Intel says it still doesn’t have the true fix for its crashing i9 desktop chips

Intel says it still doesn’t have the true fix for its crashing i9 desktop chips

For months, Intel’s highest-end desktop gaming processors have had a strange tendency to occasionally make games crash — and despite what you might have seen earlier today, Intel says it doesn’t have a final fix for its 13th and 14th Gen Intel Core i9 “Raptor Lake” and “Raptor Lake S” chips just yet.

“Contrary to recent media reports, Intel has not confirmed root cause and is continuing, with its partners, to investigate user reports regarding instability issues on unlocked Intel Core 13th and 14th generation (K/KF/KS) desktop processors,” reads a statement via Intel spokesperson Thomas Hannaford.

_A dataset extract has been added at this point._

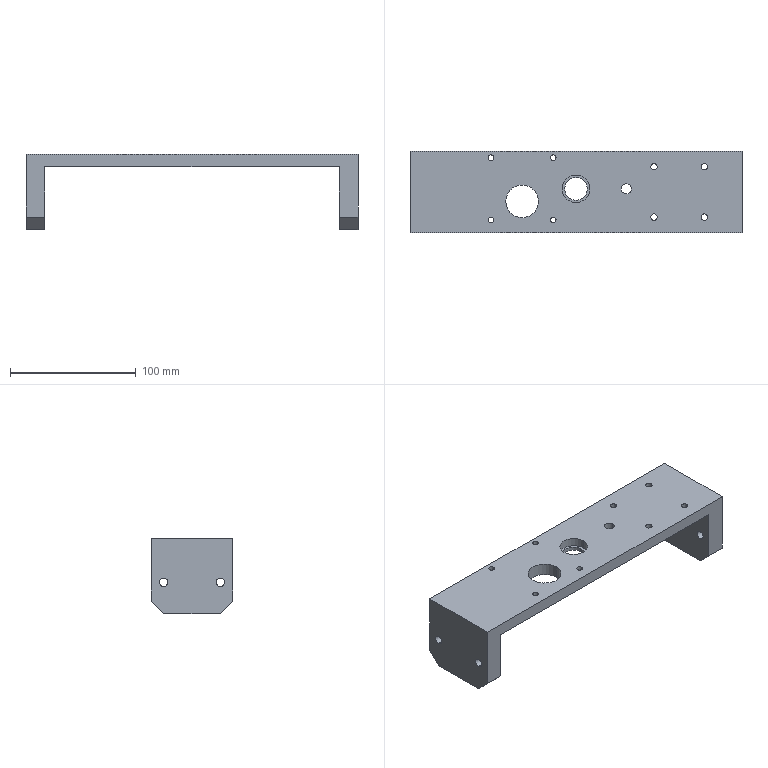CAM job | Mastercam | mm | 2 operations | part box 264 x 65 x 60
1. Contour (2D) | 10 - 10 平铣刀
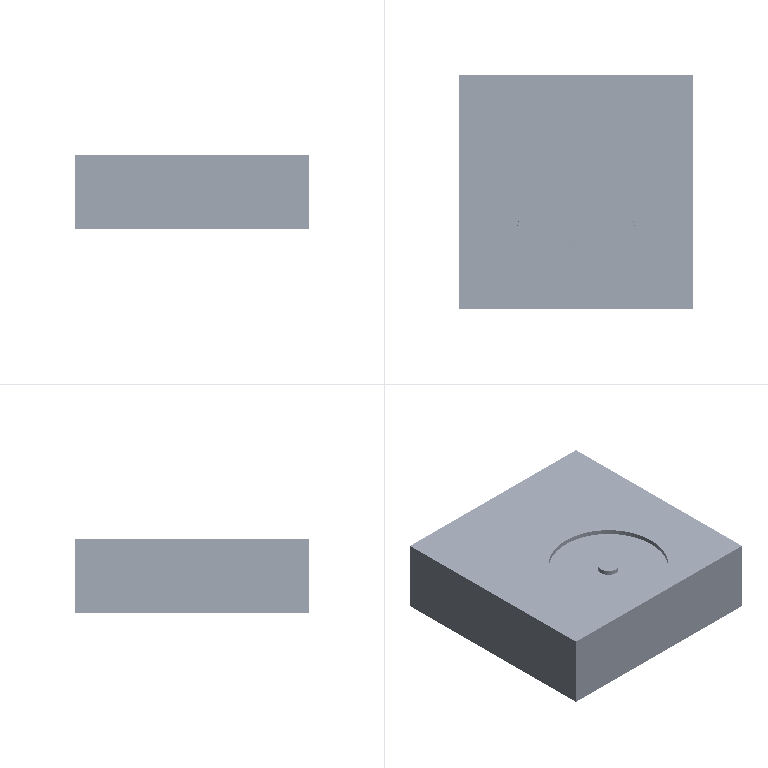2. Helix Bore | 3 - 3 平铣刀

It continues: “The microcode patch referenced in press reports fixes an eTVB bug discovered by Intel while investigating the instability reports. While this issue is potentially contributing to instability, it is not the root cause.”

Intel’s official statement references (and partially confirms) leaked internal Intel documents obtained by Igor’s Lab earlier today. Those documents suggest that part of the problem is how Intel’s chips have been erroneously overclocking their own cores, using a feature called Enhanced Thermal Velocity Boost (eTVB), even when they should have known they were running too hot to do that.

“Root cause is an incorrect value in a microcode algorithm associated with the eTVB feature,” that leaked document began. It continued:

Failure Analysis (FA) of 13th and 14th Generation K SKU processors indicates a shift in minimum operating voltage on affected processors resulting from cumulative exposure to elevated core voltages. Intel® analysis has determined a confirmed contributing factor for this issue is elevated voltage input to the processor due to previous BIOS settings which allow the processor to operate at turbo frequencies and voltages even while the processor is at a high temperature. Previous generations of Intel® K SKU processors were less sensitive to these type of settings due to lower default operating voltage and frequency.

Intel® requests all customers to update BIOS to microcode 0x125 or later by 7/19/2024.

This microcode includes an eTVB fix for an issue which may allow the processor to enter a higher performance state even when the processor temperature has exceeded eTVB thresholds.

But while Intel confirms eTVB was potentially part of the problem, it’s apparently not the “root cause” of the whole issue.